The magical realist settings reflect the ways children retreat into their imagination to cope with chaos. Amidst the collapse of their homes, the loss of parents, and the constant fear for their safety, they build internal worlds—spaces of light within the dark. The work captures these moments of mental refuge: when they find temporary comfort in memory, invent mythologies to understand death, or dream of safety beyond the ruins.
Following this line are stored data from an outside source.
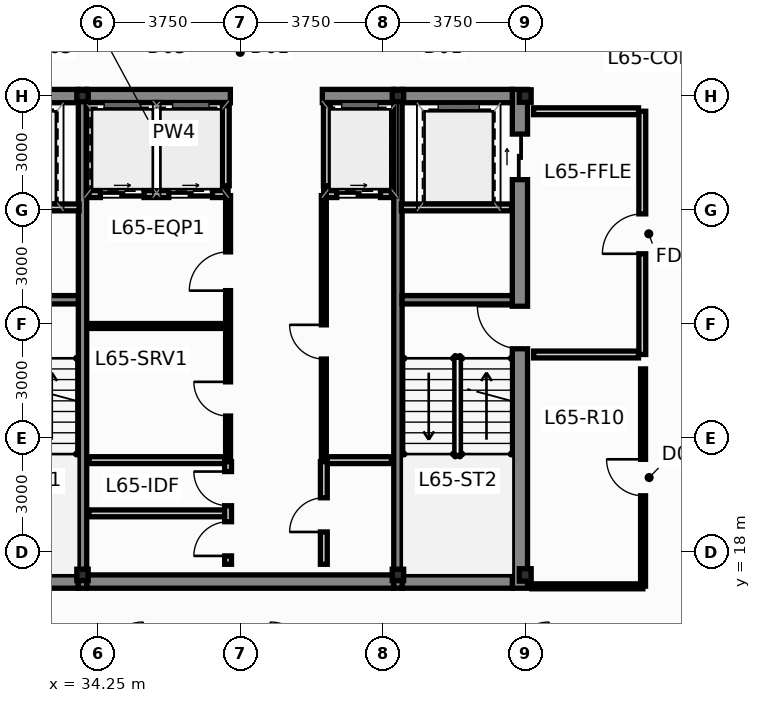
"""IFC4 building model, lengths in metres.
Left out: names, types, materials, properties, quantities, classifications, styles, units other than length and angle.
Written with IfcOpenShell. Run it as: python <this file> out.ifc"""

import sys

from ifc_helpers import new_model, si_unit, direction, frame, frame_2d, origin, origin_2d, place, context, subcontext, project, spatial, rectangle, hollow_rectangle, i_section, extrude, source, transform, mapped, element, fill, save


model = new_model("IFC4")
c1 = context("Model", 3, precision=1e-05, world=origin(), true_north=direction((0.0, 1.0)))
c2 = subcontext(c1, "Body", "Model", "MODEL_VIEW")
j1 = project(units=[si_unit("LENGTHUNIT", "METRE"), si_unit("PLANEANGLEUNIT", "RADIAN")], contexts=[c1])
p1 = place(None, origin())
s1 = spatial("IfcSite", under=j1, at=p1, CompositionType="ELEMENT")
p2 = place(p1, origin())
s2 = spatial("IfcBuilding", under=s1, at=p2, CompositionType="ELEMENT")
p3 = place(p2, frame((0.0, 0.0, 248.1)))
s3 = spatial("IfcBuildingStorey", under=s2, at=p3, CompositionType="ELEMENT", Elevation=248.1)
m1 = source(origin(), c2, "Body", "SweptSolid", [
    extrude(i_section(OverallWidth=0.311, OverallDepth=0.327, WebThickness=0.016, FlangeThickness=0.025, at=origin_2d()), origin(), (0.0, 0.0, 1.0), 3.65),
])
for number, where, z_axis, x_axis in (
    (1, (45.5, 17.4, 0.0), (0.0, 0.0, 1.0), (1.0, 0.0, 0.0)),
    (2, (45.5, 30.0, 0.0), (0.0, 0.0, 1.0), (1.0, 0.0, 0.0)),
):
    element("IfcColumn", number, at=place(p3, frame(where, z_axis=z_axis, x_axis=x_axis)), inside=s3, PredefinedType="COLUMN", context=c2, shape_type="MappedRepresentation", body=[
        mapped(m1, transform((0.0, 0.0, 0.0), scale=1.0)),
    ])
m2 = source(origin(), c2, "Body", "SweptSolid", [
    extrude(hollow_rectangle(XDim=0.3, YDim=0.3, WallThickness=0.012, at=origin_2d()), origin(), (0.0, 0.0, 1.0), 3.65),
])
for number, where, z_axis, x_axis in (
    (3, (33.85, 17.4, 0.0), (0.0, 0.0, 1.0), (1.0, 0.0, 0.0)),
    (4, (42.15, 17.4, 0.0), (0.0, 0.0, 1.0), (1.0, 0.0, 0.0)),
    (5, (33.85, 30.0, 0.0), (0.0, 0.0, 1.0), (1.0, 0.0, 0.0)),
    (6, (42.15, 30.0, 0.0), (0.0, 0.0, 1.0), (1.0, 0.0, 0.0)),
):
    element("IfcColumn", number, at=place(p3, frame(where, z_axis=z_axis, x_axis=x_axis)), inside=s3, PredefinedType="COLUMN", context=c2, shape_type="MappedRepresentation", body=[
        mapped(m2, transform((0.0, 0.0, 0.0), scale=1.0)),
    ])
p4 = place(p3, frame((45.36, 17.05, 0.0), z_axis=(0.0, 0.0, 1.0), x_axis=(0.0, 1.0, 0.0)))
e7 = element("IfcWall", 7, at=p4, inside=s3, PredefinedType="SHEAR", context=c2, shape_type="SweptSolid", body=[
    extrude(rectangle(XDim=13.125, YDim=0.4, at=frame_2d((6.562, 0.0))), origin(), (0.0, 0.0, 1.0), 3.65),
])
p5 = place(p4, frame((6.3, 0.0, 0.0)))
e8 = element("IfcOpeningElement", 8, at=p5, cuts=e7, PredefinedType="OPENING", context=c2, shape_type="SweptSolid", body=[
    extrude(rectangle(XDim=1.12, YDim=2.15, at=frame_2d((0.56, 1.075))), frame((0.0, 0.212, 0.0), z_axis=(0.0, -1.0, 0.0), x_axis=(1.0, 0.0, 0.0)), (0.0, 0.0, 1.0), 0.424),
])
p6 = place(p4, frame((10.75, 0.0, 0.0)))
e9 = element("IfcOpeningElement", 9, at=p6, cuts=e7, PredefinedType="OPENING", context=c2, shape_type="SweptSolid", body=[
    extrude(rectangle(XDim=1.2, YDim=2.2, at=frame_2d((0.6, 1.1))), frame((0.0, 0.212, 0.0), z_axis=(0.0, -1.0, 0.0), x_axis=(1.0, 0.0, 0.0)), (0.0, 0.0, 1.0), 0.424),
])
p7 = place(p3, frame((30.84, 17.225, 0.0), z_axis=(0.0, 0.0, 1.0), x_axis=(1.0, 0.0, 0.0)))
e10 = element("IfcWall", 10, at=p7, inside=s3, PredefinedType="SHEAR", context=c2, shape_type="SweptSolid", body=[
    extrude(rectangle(XDim=2.9, YDim=0.35, at=frame_2d((1.45, 0.0))), origin(), (0.0, 0.0, 1.0), 3.65),
])
p8 = place(p3, frame((33.96, 17.225, 0.0), z_axis=(0.0, 0.0, 1.0), x_axis=(1.0, 0.0, 0.0)))
e11 = element("IfcWall", 11, at=p8, inside=s3, PredefinedType="SHEAR", context=c2, shape_type="SweptSolid", body=[
    extrude(rectangle(XDim=8.08, YDim=0.35, at=frame_2d((4.04, 0.0))), origin(), (0.0, 0.0, 1.0), 3.65),
])
for number, where, z_axis, x_axis in (
    (12, (42.26, 17.225, 0.0), (0.0, 0.0, 1.0), (1.0, 0.0, 0.0)),
    (13, (30.84, 30.0, 0.0), (0.0, 0.0, 1.0), (1.0, 0.0, 0.0)),
):
    element("IfcWall", number, at=place(p3, frame(where, z_axis=z_axis, x_axis=x_axis)), inside=s3, PredefinedType="SHEAR", context=c2, shape_type="SweptSolid", body=[
        extrude(rectangle(XDim=2.9, YDim=0.35, at=frame_2d((1.45, 0.0))), origin(), (0.0, 0.0, 1.0), 3.65),
    ])
p9 = place(p3, frame((33.96, 30.0, 0.0), z_axis=(0.0, 0.0, 1.0), x_axis=(1.0, 0.0, 0.0)))
e14 = element("IfcWall", 14, at=p9, inside=s3, PredefinedType="SHEAR", context=c2, shape_type="SweptSolid", body=[
    extrude(rectangle(XDim=3.78, YDim=0.35, at=frame_2d((1.89, 0.0))), origin(), (0.0, 0.0, 1.0), 3.65),
])
p10 = place(p3, frame((40.16, 30.0, 0.0), z_axis=(0.0, 0.0, 1.0), x_axis=(1.0, 0.0, 0.0)))
e15 = element("IfcWall", 15, at=p10, inside=s3, PredefinedType="SHEAR", context=c2, shape_type="SweptSolid", body=[
    extrude(rectangle(XDim=1.88, YDim=0.35, at=frame_2d((0.94, 0.0))), origin(), (0.0, 0.0, 1.0), 3.65),
])
p11 = place(p3, frame((42.26, 30.0, 0.0), z_axis=(0.0, 0.0, 1.0), x_axis=(1.0, 0.0, 0.0)))
e16 = element("IfcWall", 16, at=p11, inside=s3, PredefinedType="SHEAR", context=c2, shape_type="SweptSolid", body=[
    extrude(rectangle(XDim=2.9, YDim=0.35, at=frame_2d((1.45, 0.0))), origin(), (0.0, 0.0, 1.0), 3.65),
])
for number, where, z_axis, x_axis in (
    (17, (33.85, 17.05, 0.0), (0.0, 0.0, 1.0), (0.0, 1.0, 0.0)),
    (18, (42.15, 17.05, 0.0), (0.0, 0.0, 1.0), (0.0, 1.0, 0.0)),
):
    element("IfcWall", number, at=place(p3, frame(where, z_axis=z_axis, x_axis=x_axis)), inside=s3, PredefinedType="SHEAR", context=c2, shape_type="SweptSolid", body=[
        extrude(rectangle(XDim=13.125, YDim=0.22, at=frame_2d((6.562, 0.0))), origin(), (0.0, 0.0, 1.0), 3.65),
    ])
for number, where, z_axis, x_axis in (
    (19, (30.84, 24.64, 0.0), (0.0, 0.0, 1.0), (1.0, 0.0, 0.0)),
    (20, (42.26, 24.64, 0.0), (0.0, 0.0, 1.0), (1.0, 0.0, 0.0)),
):
    element("IfcWall", number, at=place(p3, frame(where, z_axis=z_axis, x_axis=x_axis)), inside=s3, PredefinedType="SHEAR", context=c2, shape_type="SweptSolid", body=[
        extrude(rectangle(XDim=2.9, YDim=0.22, at=frame_2d((1.45, 0.0))), origin(), (0.0, 0.0, 1.0), 3.65),
    ])
p12 = place(p3, frame((34.02, 27.42, 0.0), z_axis=(0.0, 0.0, 1.0), x_axis=(1.0, 0.0, 0.0)))
e21 = element("IfcWall", 21, at=p12, inside=s3, PredefinedType="PARTITIONING", context=c2, shape_type="SweptSolid", body=[
    extrude(rectangle(XDim=3.66, YDim=0.18, at=frame_2d((1.83, 0.0))), origin(), (0.0, 0.0, 1.0), 3.4),
])
p13 = place(p12, frame((0.3, 0.0, 0.0)))
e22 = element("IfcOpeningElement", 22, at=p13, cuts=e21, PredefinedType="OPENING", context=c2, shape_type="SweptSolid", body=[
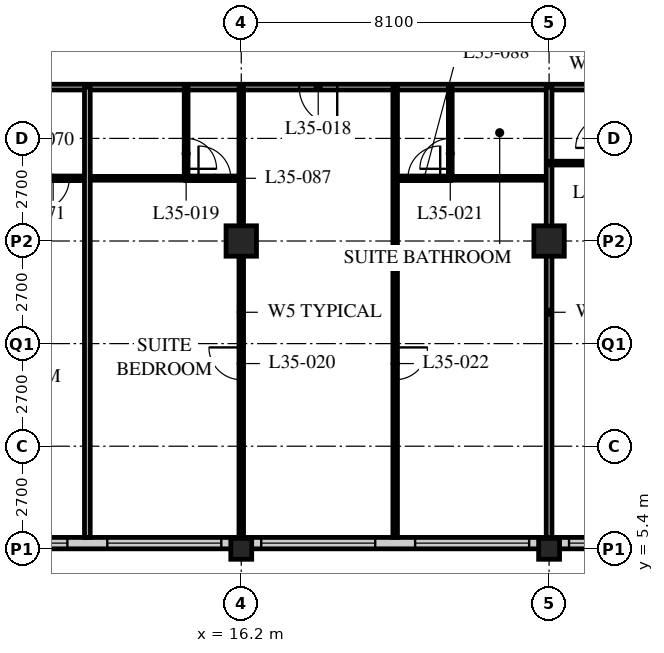
"""IFC4 building model, lengths in metres.
Left out: names, types, materials, properties, quantities, classifications, styles, units other than length and angle.
Written with IfcOpenShell. Run it as: python <this file> out.ifc"""

import sys

from ifc_helpers import new_model, si_unit, direction, frame, frame_2d, origin, origin_2d, place, context, subcontext, project, spatial, rectangle, hollow_rectangle, extrude, element, fill, save


model = new_model("IFC4")
c1 = context("Model", 3, precision=1e-05, world=origin(), true_north=direction((0.0, 1.0)))
c2 = subcontext(c1, "Body", "Model", "MODEL_VIEW")
j1 = project(units=[si_unit("LENGTHUNIT", "METRE"), si_unit("PLANEANGLEUNIT", "RADIAN")], contexts=[c1])
p1 = place(None, origin())
s1 = spatial("IfcSite", under=j1, at=p1, CompositionType="ELEMENT")
p2 = place(p1, origin())
s2 = spatial("IfcBuilding", under=s1, at=p2, CompositionType="ELEMENT")
p3 = place(p2, frame((0.0, 0.0, 137.4)))
s3 = spatial("IfcBuildingStorey", under=s2, at=p3, CompositionType="ELEMENT", Elevation=137.4)
p4 = place(p3, frame((16.2, 5.4, 0.0), z_axis=(0.0, 0.0, 1.0), x_axis=(1.0, 0.0, 0.0)))
e1 = element("IfcColumn", 1, at=p4, inside=s3, PredefinedType="COLUMN", context=c2, shape_type="SweptSolid", body=[
    extrude(hollow_rectangle(XDim=0.55, YDim=0.55, WallThickness=0.04, at=origin_2d()), origin(), (0.0, 0.0, 1.0), 3.4),
])
p5 = place(p3, frame((16.2, 13.5, 0.0), z_axis=(0.0, 0.0, 1.0), x_axis=(1.0, 0.0, 0.0)))
e2 = element("IfcColumn", 2, at=p5, inside=s3, PredefinedType="COLUMN", context=c2, shape_type="SweptSolid", body=[
    extrude(hollow_rectangle(XDim=0.8, YDim=0.8, WallThickness=0.08, at=origin_2d()), origin(), (0.0, 0.0, 1.0), 3.4),
])
p6 = place(p3, frame((24.3, 5.4, 0.0), z_axis=(0.0, 0.0, 1.0), x_axis=(1.0, 0.0, 0.0)))
e3 = element("IfcColumn", 3, at=p6, inside=s3, PredefinedType="COLUMN", context=c2, shape_type="SweptSolid", body=[
    extrude(hollow_rectangle(XDim=0.55, YDim=0.55, WallThickness=0.04, at=origin_2d()), origin(), (0.0, 0.0, 1.0), 3.4),
])
p7 = place(p3, frame((24.3, 13.5, 0.0), z_axis=(0.0, 0.0, 1.0), x_axis=(1.0, 0.0, 0.0)))
e4 = element("IfcColumn", 4, at=p7, inside=s3, PredefinedType="COLUMN", context=c2, shape_type="SweptSolid", body=[
    extrude(hollow_rectangle(XDim=0.8, YDim=0.8, WallThickness=0.08, at=origin_2d()), origin(), (0.0, 0.0, 1.0), 3.4),
])
p8 = place(p3, frame((8.4, 5.55, 0.0), z_axis=(0.0, 0.0, 1.0), x_axis=(1.0, 0.0, 0.0)))
e5 = element("IfcWall", 5, at=p8, inside=s3, PredefinedType="SOLIDWALL", context=c2, shape_type="SweptSolid", body=[
    extrude(rectangle(XDim=40.2, YDim=0.3, at=frame_2d((20.1, 0.0))), origin(), (0.0, 0.0, 1.0), 3.19),
])
p9 = place(p8, frame((0.225, 0.0, 0.9)))
e6 = element("IfcOpeningElement", 6, at=p9, cuts=e5, PredefinedType="OPENING", context=c2, shape_type="SweptSolid", body=[
    extrude(rectangle(XDim=3.0, YDim=2.0, at=frame_2d((1.5, 1.0))), frame((0.0, 0.16, 0.0), z_axis=(0.0, -1.0, 0.0), x_axis=(1.0, 0.0, 0.0)), (0.0, 0.0, 1.0), 0.32),
])
p10 = place(p8, frame((4.275, 0.0, 0.9)))
e7 = element("IfcOpeningElement", 7, at=p10, cuts=e5, PredefinedType="OPENING", context=c2, shape_type="SweptSolid", body=[
    extrude(rectangle(XDim=3.0, YDim=2.0, at=frame_2d((1.5, 1.0))), frame((0.0, 0.16, 0.0), z_axis=(0.0, -1.0, 0.0), x_axis=(1.0, 0.0, 0.0)), (0.0, 0.0, 1.0), 0.32),
])
p11 = place(p8, frame((8.325, 0.0, 0.9)))
e8 = element("IfcOpeningElement", 8, at=p11, cuts=e5, PredefinedType="OPENING", context=c2, shape_type="SweptSolid", body=[
    extrude(rectangle(XDim=3.0, YDim=2.0, at=frame_2d((1.5, 1.0))), frame((0.0, 0.16, 0.0), z_axis=(0.0, -1.0, 0.0), x_axis=(1.0, 0.0, 0.0)), (0.0, 0.0, 1.0), 0.32),
])
p12 = place(p8, frame((12.375, 0.0, 0.9)))
e9 = element("IfcOpeningElement", 9, at=p12, cuts=e5, PredefinedType="OPENING", context=c2, shape_type="SweptSolid", body=[
    extrude(rectangle(XDim=3.0, YDim=2.0, at=frame_2d((1.5, 1.0))), frame((0.0, 0.16, 0.0), z_axis=(0.0, -1.0, 0.0), x_axis=(1.0, 0.0, 0.0)), (0.0, 0.0, 1.0), 0.32),
])
p13 = place(p8, frame((16.425, 0.0, 0.9)))
e10 = element("IfcOpeningElement", 10, at=p13, cuts=e5, PredefinedType="OPENING", context=c2, shape_type="SweptSolid", body=[
    extrude(rectangle(XDim=3.0, YDim=2.0, at=frame_2d((1.5, 1.0))), frame((0.0, 0.16, 0.0), z_axis=(0.0, -1.0, 0.0), x_axis=(1.0, 0.0, 0.0)), (0.0, 0.0, 1.0), 0.32),
])
p14 = place(p8, frame((20.475, 0.0, 0.9)))
e11 = element("IfcOpeningElement", 11, at=p14, cuts=e5, PredefinedType="OPENING", context=c2, shape_type="SweptSolid", body=[
    extrude(rectangle(XDim=3.0, YDim=2.0, at=frame_2d((1.5, 1.0))), frame((0.0, 0.16, 0.0), z_axis=(0.0, -1.0, 0.0), x_axis=(1.0, 0.0, 0.0)), (0.0, 0.0, 1.0), 0.32),
])
p15 = place(p8, frame((24.525, 0.0, 0.9)))
e12 = element("IfcOpeningElement", 12, at=p15, cuts=e5, PredefinedType="OPENING", context=c2, shape_type="SweptSolid", body=[
    extrude(rectangle(XDim=3.0, YDim=2.0, at=frame_2d((1.5, 1.0))), frame((0.0, 0.16, 0.0), z_axis=(0.0, -1.0, 0.0), x_axis=(1.0, 0.0, 0.0)), (0.0, 0.0, 1.0), 0.32),
])
p16 = place(p8, frame((28.575, 0.0, 0.9)))
e13 = element("IfcOpeningElement", 13, at=p16, cuts=e5, PredefinedType="OPENING", context=c2, shape_type="SweptSolid", body=[
    extrude(rectangle(XDim=3.0, YDim=2.0, at=frame_2d((1.5, 1.0))), frame((0.0, 0.16, 0.0), z_axis=(0.0, -1.0, 0.0), x_axis=(1.0, 0.0, 0.0)), (0.0, 0.0, 1.0), 0.32),
])
p17 = place(p8, frame((32.625, 0.0, 0.9)))
e14 = element("IfcOpeningElement", 14, at=p17, cuts=e5, PredefinedType="OPENING", context=c2, shape_type="SweptSolid", body=[
    extrude(rectangle(XDim=3.0, YDim=2.0, at=frame_2d((1.5, 1.0))), frame((0.0, 0.16, 0.0), z_axis=(0.0, -1.0, 0.0), x_axis=(1.0, 0.0, 0.0)), (0.0, 0.0, 1.0), 0.32),
])
p18 = place(p8, frame((36.675, 0.0, 0.9)))
e15 = element("IfcOpeningElement", 15, at=p18, cuts=e5, PredefinedType="OPENING", context=c2, shape_type="SweptSolid", body=[
    extrude(rectangle(XDim=3.0, YDim=2.0, at=frame_2d((1.5, 1.0))), frame((0.0, 0.16, 0.0), z_axis=(0.0, -1.0, 0.0), x_axis=(1.0, 0.0, 0.0)), (0.0, 0.0, 1.0), 0.32),
])
p19 = place(p3, frame((8.1, 17.55, 0.0), z_axis=(0.0, 0.0, 1.0), x_axis=(1.0, 0.0, 0.0)))
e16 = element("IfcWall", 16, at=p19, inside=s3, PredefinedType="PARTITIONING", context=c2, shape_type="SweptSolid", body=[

The Syrian chapter began in secret under one of the world’s most repressive regimes. It was developed quietly, over years, with the support of families who let their children speak. Only with the fall of the Assad regime could the project be completed and shared publicly.
In Ukraine, the process unfolded in real-time during the ongoing war. We worked through nightly bombings and air raid sirens—conditions that mirrored the children’s daily reality. Their participation was not abstract or distant; it was immediate, shaped by lived fear and constant disruption. Even as we built sets amidst the destruction, their lives were still unfolding within the war’s grip.
This body of work is, at its core, an anti-war statement. But more than that, it is a testimony to the psychological resilience of children who have had their childhoods interrupted, distorted, or erased by conflict. It aims to shift the viewer’s focus—from the visible devastation of war to its silent, long-lasting emotional toll.
This generation is suffering in ways many cannot fully comprehend. Children are being displaced, orphaned, and forced to live with the invisible weight of trauma. They are often the least responsible for war, and yet they carry its deepest scars. Through this project, I aim to use photography as a form of healing and expression—giving children a language for pain that often defies words.
The images are collaborative, not extractive. They center the child's perspective—reframing them not as passive victims but as co-authors of their own narratives. The therapeutic process is embedded into the visual language of the series, offering not just representation but recognition. Each photograph is a constructed act of reclamation: of story, of self, of the imagination’s enduring power even in the most shattered circumstances.
These moments—however fleeting—of joy, symbolism, or surreal logic reveal the deep humanity of children in war zones. They hold onto memories of those they've lost. They invent new worlds when the real one fails them. And in doing so, they remind us that even amidst destruction, the human spirit adapts, dreams, and survives.
This project invites the viewer to look beyond headlines and body counts—to see war not only as a geopolitical crisis, but as an emotional and psychological rupture in the lives of the young. How does a child rebuild meaning when everything around them is broken? What does survival look like?
By merging therapeutic dialogue with visual storytelling, this work offers a new way to witness conflict—one rooted in empathy, intimacy, and imagination. In a world that often silences or simplifies the experience of war’s youngest victims, this project seeks to amplify their emotional realities. It turns trauma into image, and image into a space where healing can begin.
Ultimately, this series is not about war itself—but about the human capacity to endure it. It is about how children survive through creation. How they build invisible worlds to hold onto something beautiful, even when the world outside offers none. It is about the architecture of the mind under siege, and the quiet, defiant spaces children carve out for themselves—where they are still whole, still powerful, still alive.